1. The cartridge heatplate or CPU heatspreader, whichever, constitutes a fairly thin piece of metal for our purposes here, hence is not very efficient when acting alone. Yes, it will get hot, but if you try cooling your overclocked cartridge PII by blowing air directly on the heatplate from a couple 60mm fans instead of using your HSF, after a couple minutes you will noticed that the outer edges of the plate are relatively cool while the area at the core is unnaturally hot. Welcome to flavor country. A heatplate, or heatspreader, was not designed to be operated alone. It protects the (still-hidden) CPU core from damage, and ensures a good contact between the die and the cooling solution, but for the actual cooling part it was designed to be mated against the thicker base of a heatsink, which brings us to –

2. A heatsink base is not inefficient if it is properly mounted to the CPU – i.e., tightly, and with only enough paste to fill very tiny scratches and dings that naturally occur in the interface between the heatsink and the CPU. The combination of the heatplate and heatsink together makes for a very efficient heat spreading device. Of course, if that’s all you bother to do, the assembly gets very hot and will not cool properly even if you blow air on it, which brings us to –

3. Surface area – this is why heatsinks have thin fins that will cool very rapidly when you blow air over them. You use a thick base to spread the heat out away from the core, then you use thin fins to wick the air off of that base. The surface area is the important factor; a PII cartridge’s heatplate, even if we ignore its thinness problem, still has just 2.5 x 6 = 15in2 surface area or thereabouts. A simplified 2.5 x 3in heatsink with eight vertical fins traversing the shorter dimension has 2.5 x 1in per side of each fin, so even if we ignore the small cooling effects from air blowing down to the base, that’s still 40in2. Advantage: Heatsink.

Now, regarding your heatsink modifications. First, by drilling the hole, you have created a section of the heatsink where there is ONLY the CPU’s heatplate to spread heat away from the die, rather than that nice, big, more efficient heat sink base. Strike one. Next, you have created a relatively narrow-diameter air pocket with no outlet. You will not “blow air down to the die” unless you are using a very high-velocity source, like a compressor. Instead, you will probably create a fairly calm hot air pocket in that hole. Strike two. You perform this modification on the heatsink for a faster PIII, P4, Athlon, or Duron…well, you know what they say after the third strike.
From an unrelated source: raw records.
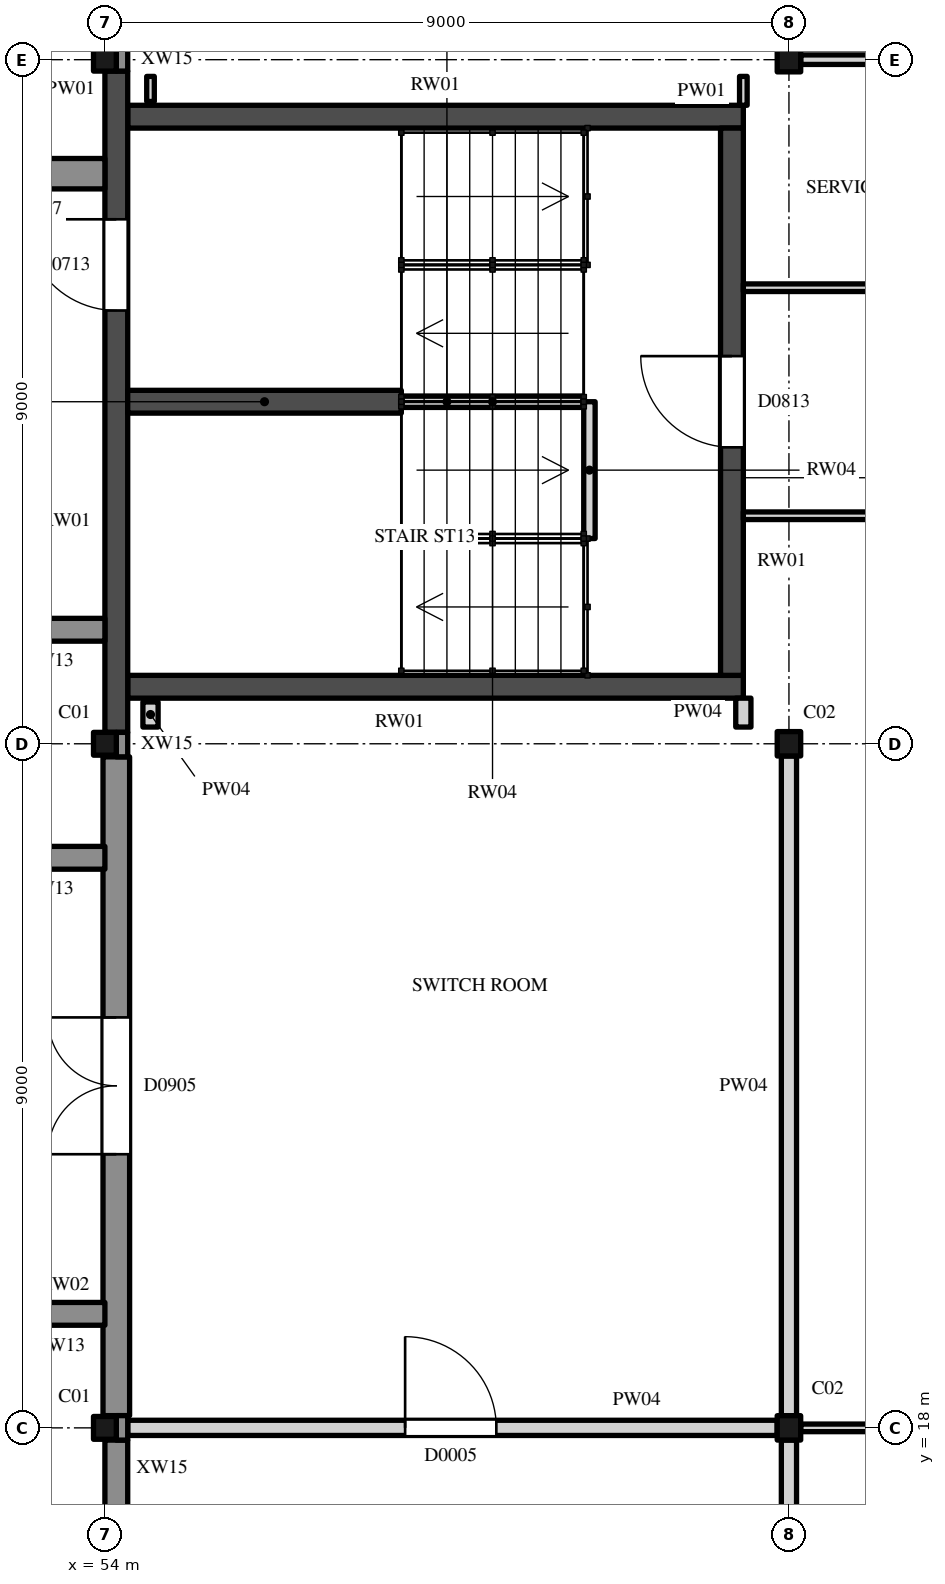
"""IFC4 building model, lengths in metres.
Left out: names, types, materials, properties, quantities, classifications, styles, units other than length and angle.
Written with IfcOpenShell. Run it as: python <this file> out.ifc"""

import sys

from ifc_helpers import new_model, si_unit, direction, frame, frame_2d, origin, origin_2d, place, context, subcontext, project, spatial, polyline, rectangle, hollow_rectangle, i_section, outline, extrude, element, fill, save


model = new_model("IFC4")
c1 = context("Model", 3, precision=1e-05, world=origin(), true_north=direction((0.0, 1.0)))
c2 = subcontext(c1, "Body", "Model", "MODEL_VIEW")
j1 = project(units=[si_unit("LENGTHUNIT", "METRE"), si_unit("PLANEANGLEUNIT", "RADIAN")], contexts=[c1])
p1 = place(None, origin())
s1 = spatial("IfcSite", under=j1, at=p1, CompositionType="ELEMENT")
p2 = place(p1, origin())
s2 = spatial("IfcBuilding", under=s1, at=p2, CompositionType="ELEMENT")
p3 = place(p2, origin())
s3 = spatial("IfcBuildingStorey", under=s2, at=p3, CompositionType="ELEMENT", Elevation=0.0)
p4 = place(p3, frame((54.0, 18.0, 0.0), z_axis=(0.0, 0.0, 1.0), x_axis=(1.0, 0.0, 0.0)))
e1 = element("IfcColumn", 1, at=p4, inside=s3, PredefinedType="COLUMN", context=c2, shape_type="SweptSolid", body=[
    extrude(hollow_rectangle(XDim=0.3, YDim=0.3, WallThickness=0.012, InnerFilletRadius=0.019, OuterFilletRadius=0.031, at=origin_2d()), origin(), (0.0, 0.0, 1.0), 6.0),
])
p5 = place(p3, frame((63.0, 18.0, 0.0), z_axis=(0.0, 0.0, 1.0), x_axis=(1.0, 0.0, 0.0)))
e2 = element("IfcColumn", 2, at=p5, inside=s3, PredefinedType="COLUMN", context=c2, shape_type="SweptSolid", body=[
    extrude(i_section(OverallWidth=0.309, OverallDepth=0.321, WebThickness=0.014, FlangeThickness=0.022, FilletRadius=0.017, at=origin_2d()), origin(), (0.0, 0.0, 1.0), 6.0),
])
p6 = place(p3, frame((54.0, 27.0, 0.0), z_axis=(0.0, 0.0, 1.0), x_axis=(1.0, 0.0, 0.0)))
e3 = element("IfcColumn", 3, at=p6, inside=s3, PredefinedType="COLUMN", context=c2, shape_type="SweptSolid", body=[
    extrude(hollow_rectangle(XDim=0.3, YDim=0.3, WallThickness=0.012, InnerFilletRadius=0.019, OuterFilletRadius=0.031, at=origin_2d()), origin(), (0.0, 0.0, 1.0), 6.0),
])
p7 = place(p3, frame((63.0, 27.0, 0.0), z_axis=(0.0, 0.0, 1.0), x_axis=(1.0, 0.0, 0.0)))
e4 = element("IfcColumn", 4, at=p7, inside=s3, PredefinedType="COLUMN", context=c2, shape_type="SweptSolid", body=[
    extrude(i_section(OverallWidth=0.309, OverallDepth=0.321, WebThickness=0.014, FlangeThickness=0.022, FilletRadius=0.017, at=origin_2d()), origin(), (0.0, 0.0, 1.0), 6.0),
])
p8 = place(p3, frame((54.0, 36.0, 0.0), z_axis=(0.0, 0.0, 1.0), x_axis=(1.0, 0.0, 0.0)))
e5 = element("IfcColumn", 5, at=p8, inside=s3, PredefinedType="COLUMN", context=c2, shape_type="SweptSolid", body=[
    extrude(hollow_rectangle(XDim=0.3, YDim=0.3, WallThickness=0.012, InnerFilletRadius=0.019, OuterFilletRadius=0.031, at=origin_2d()), origin(), (0.0, 0.0, 1.0), 6.0),
])
p9 = place(p3, frame((63.0, 36.0, 0.0), z_axis=(0.0, 0.0, 1.0), x_axis=(1.0, 0.0, 0.0)))
e6 = element("IfcColumn", 6, at=p9, inside=s3, PredefinedType="COLUMN", context=c2, shape_type="SweptSolid", body=[
    extrude(i_section(OverallWidth=0.309, OverallDepth=0.321, WebThickness=0.014, FlangeThickness=0.022, FilletRadius=0.017, at=origin_2d()), origin(), (0.0, 0.0, 1.0), 6.0),
])
for number, where, z_axis, x_axis in (
    (7, (54.3, 27.75, 0.0), (0.0, 0.0, 1.0), (1.0, 0.0, 0.0)),
    (8, (54.3, 35.25, 0.0), (0.0, 0.0, 1.0), (1.0, 0.0, 0.0)),
):
    element("IfcWall", number, at=place(p3, frame(where, z_axis=z_axis, x_axis=x_axis)), inside=s3, PredefinedType="SHEAR", context=c2, shape_type="SweptSolid", body=[
        extrude(rectangle(XDim=8.1, YDim=0.3, at=frame_2d((4.05, 0.0))), origin(), (0.0, 0.0, 1.0), 6.0),
    ])
p10 = place(p3, frame((54.15, 27.15, 0.0), z_axis=(0.0, 0.0, 1.0), x_axis=(0.0, 1.0, 0.0)))
e9 = element("IfcWall", 9, at=p10, inside=s3, PredefinedType="SHEAR", context=c2, shape_type="SweptSolid", body=[
    extrude(rectangle(XDim=8.7, YDim=0.3, at=frame_2d((4.35, 0.0))), origin(), (0.0, 0.0, 1.0), 6.0),
])
p11 = place(p10, frame((5.55, 0.0, 0.0)))
e10 = element("IfcOpeningElement", 10, at=p11, cuts=e9, PredefinedType="OPENING", context=c2, shape_type="SweptSolid", body=[
    extrude(rectangle(XDim=1.2, YDim=2.1, at=frame_2d((0.6, 1.05))), frame((0.0, 0.16, 0.0), z_axis=(0.0, -1.0, 0.0), x_axis=(1.0, 0.0, 0.0)), (0.0, 0.0, 1.0), 0.32),
])
p12 = place(p3, frame((62.25, 27.9, 0.0), z_axis=(0.0, 0.0, 1.0), x_axis=(0.0, 1.0, 0.0)))
e11 = element("IfcWall", 11, at=p12, inside=s3, PredefinedType="SHEAR", context=c2, shape_type="SweptSolid", body=[
    extrude(rectangle(XDim=7.2, YDim=0.3, at=frame_2d((3.6, 0.0))), origin(), (0.0, 0.0, 1.0), 6.0),
])
p13 = place(p12, frame((3.0, 0.0, 0.0)))
e12 = element("IfcOpeningElement", 12, at=p13, cuts=e11, PredefinedType="OPENING", context=c2, shape_type="SweptSolid", body=[
    extrude(rectangle(XDim=1.2, YDim=2.1, at=frame_2d((0.6, 1.05))), frame((0.0, 0.16, 0.0), z_axis=(0.0, -1.0, 0.0), x_axis=(1.0, 0.0, 0.0)), (0.0, 0.0, 1.0), 0.32),
])
p14 = place(p3, frame((57.9, 31.5, 0.0), z_axis=(0.0, 0.0, 1.0), x_axis=(-1.0, 0.0, 0.0)))
e13 = element("IfcWall", 13, at=p14, inside=s3, PredefinedType="SHEAR", context=c2, shape_type="SweptSolid", body=[
    extrude(rectangle(XDim=3.6, YDim=0.3, at=frame_2d((1.8, 0.0))), origin(), (0.0, 0.0, 1.0), 6.0),
])
p15 = place(p3, frame((60.375, 29.7, 0.0), z_axis=(0.0, 0.0, 1.0), x_axis=(0.0, 1.0, 0.0)))
e14 = element("IfcWall", 14, at=p15, inside=s3, PredefinedType="STANDARD", context=c2, shape_type="SweptSolid", body=[
    extrude(rectangle(XDim=1.8, YDim=0.15, at=frame_2d((0.9, 0.0))), origin(), (0.0, 0.0, 1.0), 2.8),
])
p16 = place(p3, frame((60.3, 31.5, 0.0), z_axis=(0.0, 0.0, 1.0), x_axis=(-1.0, 0.0, 0.0)))
e15 = element("IfcWall", 15, at=p16, inside=s3, PredefinedType="STANDARD", context=c2, shape_type="SweptSolid", body=[
    extrude(outline(polyline([(0.0, 0.0), (2.4, 0.0), (2.4, 1.5), (2.091, 1.5), (0.0, 2.662), (0.0, 0.0)])), frame((0.0, 0.075, 0.0), z_axis=(0.0, -1.0, 0.0), x_axis=(1.0, 0.0, 0.0)), (0.0, 0.0, 1.0), 0.15),
])
p17 = place(p3, frame((54.15, 9.172, 0.0), z_axis=(0.0, 0.0, 1.0), x_axis=(0.0, 1.0, 0.0)))
e16 = element("IfcWall", 16, at=p17, inside=s3, PredefinedType="SOLIDWALL", context=c2, shape_type="SweptSolid", body=[
    extrude(rectangle(XDim=8.667, YDim=0.3, at=frame_2d((4.333, 0.0))), origin(), (0.0, 0.0, 1.0), 5.292),
])
p18 = place(p17, frame((3.128, 0.0, 0.9)))
e17 = element("IfcOpeningElement", 17, at=p18, cuts=e16, PredefinedType="OPENING", context=c2, shape_type="SweptSolid", body=[
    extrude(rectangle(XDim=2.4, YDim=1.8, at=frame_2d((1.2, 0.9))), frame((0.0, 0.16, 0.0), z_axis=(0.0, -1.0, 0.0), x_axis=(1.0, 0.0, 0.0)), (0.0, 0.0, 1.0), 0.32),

Hope you saved that letter to Grandma fairly often, because you’re going to be locking up more often than a night watchman.

You claim your mod on the cartridge PII “worked;” I believe you. After all, it was locking up before and now it’s not, right? Unfortunately, you have tried to ascribe this success to an improvement in the heatsink’s efficiency from removing that excess heatsink material and blowing air down to the die. Everything I know of the science of heatsink operation says your explanation is poppycock. This leads me to ask, why did this guy's project work when he effectively has screwed up his heatsink? There are several reasonable possibilities:

A. Either the heatsink, or the CPU heatplate, had a small imperfection that happened to be centered in the spot where you drilled your hole, and this was preventing the heatsink from firmly mating to the heatplate. By drilling the hole you inadvertently fixed the problem, and while the heatsink’s efficiency is now marginally lower, it’s still a lot better than having a micro-thin air pocket between part of the plate and the heatsink.

B. You had a small piece of dirt between the sink and the heatplate, or the heatsink was not mounted very tightly. In this case, you inadvertently corrected the problem when you reinstalled the heatsink after the Black & Decker Bloodbath, with the same results as case (a).

C. Your heatsink compound had dried out with age, and dry heatsink compound is not very efficient. Same basic result as (b).

D. Some combination of (a) through (c).

Yeek, bro...this is like banging my head against the wall, but without the benefit of finally blacking out.